Data Export Concepts (Image)#
This page covers the core concepts for saving and exporting curated image datasets in NeMo Curator.
Key Topics#
Saving metadata to Parquet
Exporting filtered datasets
Resharding WebDatasets
Preparing data for downstream training or analysis
Saving Metadata#
After processing, you can save the dataset’s metadata (including embeddings, classifier scores, and other fields) to Parquet files for easy analysis or further processing.
Example:
# Save all metadata columns to the original path
dataset.save_metadata()
# Save only selected columns to a custom path
dataset.save_metadata(path="/output/metadata", columns=["id", "aesthetic_score", "nsfw_score"])
Parquet format is efficient and compatible with many analytics tools.
You can choose to save all or only specific columns.
Exporting Filtered Datasets#
To export a filtered version of your dataset (e.g., after removing low-quality or NSFW images), use the to_webdataset
method. This writes new .tar
and .parquet
files containing only the filtered samples.
Example:
# Filter your metadata (e.g., keep only high-quality images)
filtered_col = (dataset.metadata["aesthetic_score"] > 0.5) & (dataset.metadata["nsfw_score"] < 0.2)
dataset.metadata["keep"] = filtered_col
dataset.to_webdataset(
path="/output/filtered_webdataset", # Output directory
filter_column="keep", # Boolean column indicating which samples to keep
samples_per_shard=10000, # Number of samples per tar shard
max_shards=5 # Number of digits for shard IDs
)
The output directory will contain new
.tar
files (with images, captions, and metadata) and matching.parquet
files for each shard.Adjust
samples_per_shard
andmax_shards
to control sharding granularity and naming.
Resharding WebDatasets#
Resharding changes the number of samples per shard, which can optimize data loading or prepare data for specific workflows.
Example:
# Reshard the dataset without filtering (keep all samples)

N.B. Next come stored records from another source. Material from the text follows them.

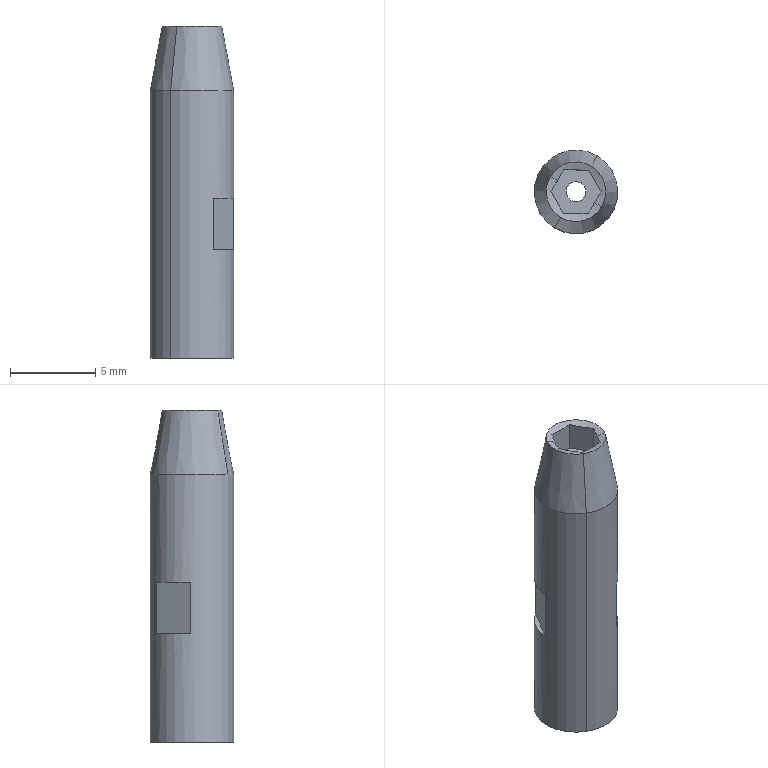Component | SolidWorks | PointedHead-2 | 1 solid | 24 faces | box 4.9 x 4.9 x 19.5 mm | volume 169 mm3 | plane 14 | cone 4 | cylinder 4 | sphere 2 | commonest cylinder face diameters 3.5 x2 4.9 x2
build123d program:
from build123d import *

# Parameters (mm, degrees)
SKETCH1_R                      = 2.45
EXTRUDE1_DEPTH                 = 19.5
CHAMFER1_SIZE                  = 0.7
CHAMFER1_SIZE2                 = 3.8
F_3_5_3_5_DIAMETER_HOLE1_D     = 3.5
F_3_5_3_5_DIAMETER_HOLE1_DEPTH = 17
F_3_5_3_5_DIAMETER_HOLE1_TIP   = 1.052
CUT_EXTRUDE1_DEPTH             = 1.8
CUT_EXTRUDE2_DEPTH             = 20.805
CUT_EXTRUDE2_DEPTH_BACK        = 20.805
SKETCH6_W                      = 3
SKETCH6_H                      = 0.3


with BuildPart() as part:
    # Sketch1 → Extrude1 (new body)
    with BuildSketch(Plane(origin=(0, 0, 0), x_dir=(0, 0, -1), z_dir=(1, 0, 0))):
        Circle(SKETCH1_R)
    extrude(amount=EXTRUDE1_DEPTH)

    # Chamfer1
    chamfer1_edges = [part.edges().sort_by_distance(p)[0] for p in [
        (0, 0, 2.45),
    ]]
    chamfer1_side = [part.faces().sort_by_distance(p)[0] for p in [
        (0, 0, 0),
    ]]
    chamfer(chamfer1_edges, length=CHAMFER1_SIZE, length2=CHAMFER1_SIZE2, reference=chamfer1_side[0])

    # 3.5 _3.5_ Diameter Hole1
    with Locations(Plane(origin=(19.5, 0, 0), x_dir=(0, 0, -1), z_dir=(1, 0, 0))):
        with Locations((0, 0)):
            Hole(F_3_5_3_5_DIAMETER_HOLE1_D / 2, depth=F_3_5_3_5_DIAMETER_HOLE1_DEPTH)
            with Locations((0, 0, -(F_3_5_3_5_DIAMETER_HOLE1_DEPTH + F_3_5_3_5_DIAMETER_HOLE1_TIP / 2))):  # 118° drill point
                Cone(0, F_3_5_3_5_DIAMETER_HOLE1_D / 2, F_3_5_3_5_DIAMETER_HOLE1_TIP, mode=Mode.SUBTRACT)

    # Sketch4 → Cut-Extrude1 (cut)
    with BuildSketch(Plane.ZY):
        Polygon((1.472, 0), (0.7361, 1.275), (-0.7361, 1.275), (-1.472, 0), (-0.7361, -1.275), (0.7361, -1.275), align=None)
    extrude(amount=-CUT_EXTRUDE1_DEPTH, mode=Mode.SUBTRACT)

    # Sketch5 → Cut-Revolve2 (revolve, cut)
    with BuildSketch(Plane.XY, mode=Mode.PRIVATE) as cut_revolve2_sk:
        with BuildLine():
            Line((0, 1.75), (0, 0))
            Line((0, 0), (0.3163, 0))
            ThreePointArc((0.3163, 0), (0.2366, 0.8892), (0, 1.75))
        make_face()
    revolve(cut_revolve2_sk.sketch.rotate(Axis((0, 0, 0), (-1, 0, 0)), 90), axis=Axis((0, 0, 0), (-1, 0, 0)), mode=Mode.SUBTRACT)

    # Sketch6 → Cut-Extrude2 (cut, two sides: drawn at the far end of the back side and taken through both)
    with BuildSketch(Plane.XY.offset(-CUT_EXTRUDE2_DEPTH_BACK)):
        with Locations((11.65, 2.3)):
            Rectangle(SKETCH6_W, SKETCH6_H)
        with Locations((11.65, -2.3)):
            Rectangle(SKETCH6_W, SKETCH6_H)
    extrude(amount=CUT_EXTRUDE2_DEPTH + CUT_EXTRUDE2_DEPTH_BACK, mode=Mode.SUBTRACT)


solid = part.part

# Placed as in the assembly
solid = solid.moved(Location((22.667, 79.622, -18.387), (90, -30.736, -90)))
STEP:
#1=CARTESIAN_POINT('',(0.8332,3.17,-0.7239));
#2=VERTEX_POINT('',#1);
#3=CARTESIAN_POINT('',(0.9276,3.194,-0.7239));
#4=VERTEX_POINT('',#3);
#5=CARTESIAN_POINT('',(0.8924,3.135,-0.7239));
#6=DIRECTION('',(-0.,0.,-1.));
#7=DIRECTION('',(-0.8595,0.5111,0.));
#8=AXIS2_PLACEMENT_3D('',#5,#6,#7);
#9=CIRCLE('',#8,0.0689);
#10=EDGE_CURVE('',#2,#4,#9,.T.);
#11=ORIENTED_EDGE('',*,*,#10,.F.);
#12=CARTESIAN_POINT('',(0.8493,3.16,-0.7298));
#13=VERTEX_POINT('',#12);
#14=CARTESIAN_POINT('',(0.8924,3.135,-0.5395));
#15=DIRECTION('',(-0.5111,-0.8595,0.));
#16=DIRECTION('',(0.8595,-0.5111,0.));
#17=AXIS2_PLACEMENT_3D('',#14,#15,#16);
#18=CIRCLE('',#17,0.1969);
#19=EDGE_CURVE('',#2,#13,#18,.T.);
#20=ORIENTED_EDGE('',*,*,#19,.T.);
#21=CARTESIAN_POINT('',(0.8641,3.185,-0.7276));
#22=VERTEX_POINT('',#21);
#23=CARTESIAN_POINT('',(0.8493,3.16,-0.5395));
#24=DIRECTION('',(-0.8595,0.5111,0.));
#25=DIRECTION('',(0.5111,0.8595,0.));
#26=AXIS2_PLACEMENT_3D('',#23,#24,#25);
#27=CIRCLE('',#26,0.1903);
#28=EDGE_CURVE('',#22,#13,#27,.T.);
#29=ORIENTED_EDGE('',*,*,#28,.F.);
#30=CARTESIAN_POINT('',(0.922,3.185,-0.7276));
#31=VERTEX_POINT('',#30);
#32=CARTESIAN_POINT('',(0.893,3.185,-0.5395));
#33=DIRECTION('',(0.01285,0.9999,-0.));
#34=DIRECTION('',(0.9999,-0.01285,-0.));
#35=AXIS2_PLACEMENT_3D('',#32,#33,#34);
#36=CIRCLE('',#35,0.1903);
#37=EDGE_CURVE('',#31,#22,#36,.T.);
#38=ORIENTED_EDGE('',*,*,#37,.F.);
#39=CARTESIAN_POINT('',(0.9504,3.134,-0.7276));
#40=VERTEX_POINT('',#39);
#41=CARTESIAN_POINT('',(0.9362,3.159,-0.5395));
#42=DIRECTION('',(0.8724,0.4888,-0.));
#43=DIRECTION('',(0.4888,-0.8724,0.));
#44=AXIS2_PLACEMENT_3D('',#41,#42,#43);
#45=CIRCLE('',#44,0.1903);
#46=EDGE_CURVE('',#40,#31,#45,.T.);
#47=ORIENTED_EDGE('',*,*,#46,.F.);
#48=CARTESIAN_POINT('',(0.9355,3.109,-0.7298));
#49=VERTEX_POINT('',#48);
#50=CARTESIAN_POINT('',(0.9355,3.109,-0.5395));
#51=DIRECTION('',(0.8595,-0.5111,-0.));
#52=DIRECTION('',(-0.5111,-0.8595,0.));
#53=AXIS2_PLACEMENT_3D('',#50,#51,#52);
#54=CIRCLE('',#53,0.1903);
#55=EDGE_CURVE('',#49,#40,#54,.T.);
#56=ORIENTED_EDGE('',*,*,#55,.F.);
#57=CARTESIAN_POINT('',(0.9516,3.1,-0.7239));
#58=VERTEX_POINT('',#57);
#59=CARTESIAN_POINT('',(0.8924,3.135,-0.5395));
#60=DIRECTION('',(0.5111,0.8595,-0.));
#61=DIRECTION('',(-0.8595,0.5111,0.));
#62=AXIS2_PLACEMENT_3D('',#59,#60,#61);
#63=CIRCLE('',#62,0.1969);
#64=EDGE_CURVE('',#58,#49,#63,.T.);
#65=ORIENTED_EDGE('',*,*,#64,.F.);
#66=CARTESIAN_POINT('',(0.8924,3.135,-0.7239));
#67=DIRECTION('',(-0.,0.,-1.));
#68=DIRECTION('',(-0.8595,0.5111,0.));
#69=AXIS2_PLACEMENT_3D('',#66,#67,#68);
#70=CIRCLE('',#69,0.0689);
#71=EDGE_CURVE('',#4,#58,#70,.T.);
#72=ORIENTED_EDGE('',*,*,#71,.F.);
#73=EDGE_LOOP('',(#11,#20,#29,#38,#47,#56,#65,#72));
#74=FACE_OUTER_BOUND('',#73,.T.);
#75=CARTESIAN_POINT('',(0.8924,3.135,-0.5395));
#76=DIRECTION('',(-0.5111,-0.8595,0.));
#77=DIRECTION('',(0.8595,-0.5111,-0.));
#78=AXIS2_PLACEMENT_3D('',#75,#76,#77);
#79=SPHERICAL_SURFACE('',#78,0.1969);
#80=ADVANCED_FACE('',(#74),#79,.F.);
#81=CARTESIAN_POINT('',(0.8806,3.115,-0.7948));
#82=VERTEX_POINT('',#81);
#83=CARTESIAN_POINT('',(0.9042,3.155,-0.7948));
#84=VERTEX_POINT('',#83);
#85=CARTESIAN_POINT('',(0.8924,3.135,-0.7948));
#86=DIRECTION('',(0.,-0.,1.));
#87=DIRECTION('',(-0.5111,-0.8595,0.));
#88=AXIS2_PLACEMENT_3D('',#85,#86,#87);
#89=CIRCLE('',#88,0.02303);
#90=EDGE_CURVE('',#82,#84,#89,.T.);
#91=ORIENTED_EDGE('',*,*,#90,.T.);
#92=CARTESIAN_POINT('',(0.9276,3.194,-0.8223));
#93=VERTEX_POINT('',#92);
#94=CARTESIAN_POINT('',(0.9276,3.194,-0.8223));
#95=DIRECTION('',(0.4381,0.7368,-0.515));
#96=VECTOR('',#95,39.37);
#97=LINE('',#94,#96);
#98=EDGE_CURVE('',#84,#93,#97,.T.);
#99=ORIENTED_EDGE('',*,*,#98,.T.);
#100=CARTESIAN_POINT('',(0.8572,3.076,-0.8223));
#101=VERTEX_POINT('',#100);
#102=CARTESIAN_POINT('',(0.8924,3.135,-0.8223));
#103=DIRECTION('',(-0.,0.,-1.));
#104=DIRECTION('',(-0.5111,-0.8595,0.));
#105=AXIS2_PLACEMENT_3D('',#102,#103,#104);
#106=CIRCLE('',#105,0.0689);
#107=EDGE_CURVE('',#93,#101,#106,.T.);
#108=ORIENTED_EDGE('',*,*,#107,.T.);
#109=CARTESIAN_POINT('',(0.8572,3.076,-0.8223));
#110=DIRECTION('',(-0.4381,-0.7368,-0.515));
#111=VECTOR('',#110,39.37);
#112=LINE('',#109,#111);
#113=EDGE_CURVE('',#82,#101,#112,.T.);
#114=ORIENTED_EDGE('',*,*,#113,.F.);
#115=EDGE_LOOP('',(#91,#99,#108,#114));
#116=FACE_OUTER_BOUND('',#115,.T.);
#117=CARTESIAN_POINT('',(0.8924,3.135,-0.8223));
#118=DIRECTION('',(-0.,0.,-1.));
#119=DIRECTION('',(-0.5111,-0.8595,0.));
#120=AXIS2_PLACEMENT_3D('',#117,#118,#119);
#121=CONICAL_SURFACE('',#120,0.0689,1.03);
#122=ADVANCED_FACE('',(#116),#121,.F.);
#123=ORIENTED_EDGE('',*,*,#107,.F.);
#124=CARTESIAN_POINT('',(0.9276,3.194,-1.492));
#125=VERTEX_POINT('',#124);
#126=CARTESIAN_POINT('',(0.9276,3.194,-1.492));
#127=DIRECTION('',(-0.,0.,-1.));
#128=VECTOR('',#127,39.37);
#129=LINE('',#126,#128);
#130=EDGE_CURVE('',#93,#125,#129,.T.);
#131=ORIENTED_EDGE('',*,*,#130,.T.);
#132=CARTESIAN_POINT('',(0.8572,3.076,-1.492));
#133=VERTEX_POINT('',#132);
#134=CARTESIAN_POINT('',(0.8924,3.135,-1.492));
#135=DIRECTION('',(-0.,0.,-1.));
#136=DIRECTION('',(-0.5111,-0.8595,0.));
#137=AXIS2_PLACEMENT_3D('',#134,#135,#136);
#138=CIRCLE('',#137,0.0689);
#139=EDGE_CURVE('',#125,#133,#138,.T.);
#140=ORIENTED_EDGE('',*,*,#139,.T.);
#141=CARTESIAN_POINT('',(0.8572,3.076,-1.492));
#142=DIRECTION('',(-0.,0.,-1.));
#143=VECTOR('',#142,39.37);
#144=LINE('',#141,#143);
#145=EDGE_CURVE('',#101,#133,#144,.T.);
#146=ORIENTED_EDGE('',*,*,#145,.F.);
#147=EDGE_LOOP('',(#123,#131,#140,#146));
#148=FACE_OUTER_BOUND('',#147,.T.);
#149=CARTESIAN_POINT('',(0.8924,3.135,-1.492));
#150=DIRECTION('',(-0.,0.,-1.));
#151=DIRECTION('',(-0.5111,-0.8595,0.));
#152=AXIS2_PLACEMENT_3D('',#149,#150,#151);
#153=CYLINDRICAL_SURFACE('',#152,0.0689);
#154=ADVANCED_FACE('',(#148),#153,.F.);
#155=CARTESIAN_POINT('',(0.8572,3.076,-0.7239));
#156=VERTEX_POINT('',#155);
#157=CARTESIAN_POINT('',(0.8924,3.135,-0.7239));
#158=DIRECTION('',(-0.,0.,-1.));
#159=DIRECTION('',(-0.8595,0.5111,0.));
#160=AXIS2_PLACEMENT_3D('',#157,#158,#159);
#161=CIRCLE('',#160,0.0689);
#162=EDGE_CURVE('',#156,#2,#161,.T.);
#163=ORIENTED_EDGE('',*,*,#162,.T.);
#164=ORIENTED_EDGE('',*,*,#10,.T.);
#165=CARTESIAN_POINT('',(0.9417,3.218,-0.8735));
#166=VERTEX_POINT('',#165);
#167=CARTESIAN_POINT('',(0.9417,3.218,-0.8735));
#168=DIRECTION('',(0.09259,0.1557,-0.9835));
#169=VECTOR('',#168,39.37);
#170=LINE('',#167,#169);
#171=EDGE_CURVE('',#4,#166,#170,.T.);
#172=ORIENTED_EDGE('',*,*,#171,.T.);
#173=CARTESIAN_POINT('',(0.8431,3.052,-0.8735));
#174=VERTEX_POINT('',#173);
#175=CARTESIAN_POINT('',(0.8924,3.135,-0.8735));
#176=DIRECTION('',(-0.,0.,-1.));
#177=DIRECTION('',(-0.5111,-0.8595,0.));
#178=AXIS2_PLACEMENT_3D('',#175,#176,#177);
#179=CIRCLE('',#178,0.09646);
#180=EDGE_CURVE('',#174,#166,#179,.T.);
#181=ORIENTED_EDGE('',*,*,#180,.F.);
#182=CARTESIAN_POINT('',(0.8431,3.052,-0.8735));
#183=DIRECTION('',(-0.09259,-0.1557,-0.9835));
#184=VECTOR('',#183,39.37);
#185=LINE('',#182,#184);
#186=EDGE_CURVE('',#156,#174,#185,.T.);
#187=ORIENTED_EDGE('',*,*,#186,.F.);
#188=EDGE_LOOP('',(#163,#164,#172,#181,#187));
#189=FACE_OUTER_BOUND('',#188,.T.);
#190=CARTESIAN_POINT('',(0.8924,3.135,-0.8735));
#191=DIRECTION('',(-0.,0.,-1.));
#192=DIRECTION('',(-0.5111,-0.8595,0.));
#193=AXIS2_PLACEMENT_3D('',#190,#191,#192);
#194=CONICAL_SURFACE('',#193,0.09646,0.1822);
#195=ADVANCED_FACE('',(#189),#194,.T.);
#196=CARTESIAN_POINT('',(0.796,3.138,-1.242));
#197=VERTEX_POINT('',#196);
#198=CARTESIAN_POINT('',(0.8433,3.218,-1.242));
#199=VERTEX_POINT('',#198);
#200=CARTESIAN_POINT('',(0.8924,3.135,-1.242));
#201=DIRECTION('',(-0.,0.,-1.));
#202=DIRECTION('',(-0.5111,-0.8595,0.));
#203=AXIS2_PLACEMENT_3D('',#200,#201,#202);
#204=CIRCLE('',#203,0.09646);
#205=EDGE_CURVE('',#197,#199,#204,.T.);
#206=ORIENTED_EDGE('',*,*,#205,.T.);
#207=CARTESIAN_POINT('',(0.8433,3.218,-1.123));
#208=VERTEX_POINT('',#207);
#209=CARTESIAN_POINT('',(0.8433,3.218,-1.492));
#210=DIRECTION('',(0.,-0.,1.));
#211=VECTOR('',#210,39.37);
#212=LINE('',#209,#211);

dataset.metadata["keep"] = True
dataset.to_webdataset(
path="/output/resharded_webdataset",
filter_column="keep",
samples_per_shard=20000, # New shard size
max_shards=6
)
Use resharding to balance I/O, parallelism, and storage efficiency.
Preparing for Downstream Use#
Ensure your exported dataset matches the requirements of your training or analysis pipeline.
Use consistent naming and metadata fields for compatibility.
Document any filtering or processing steps for reproducibility.
Test loading the exported dataset before large-scale training.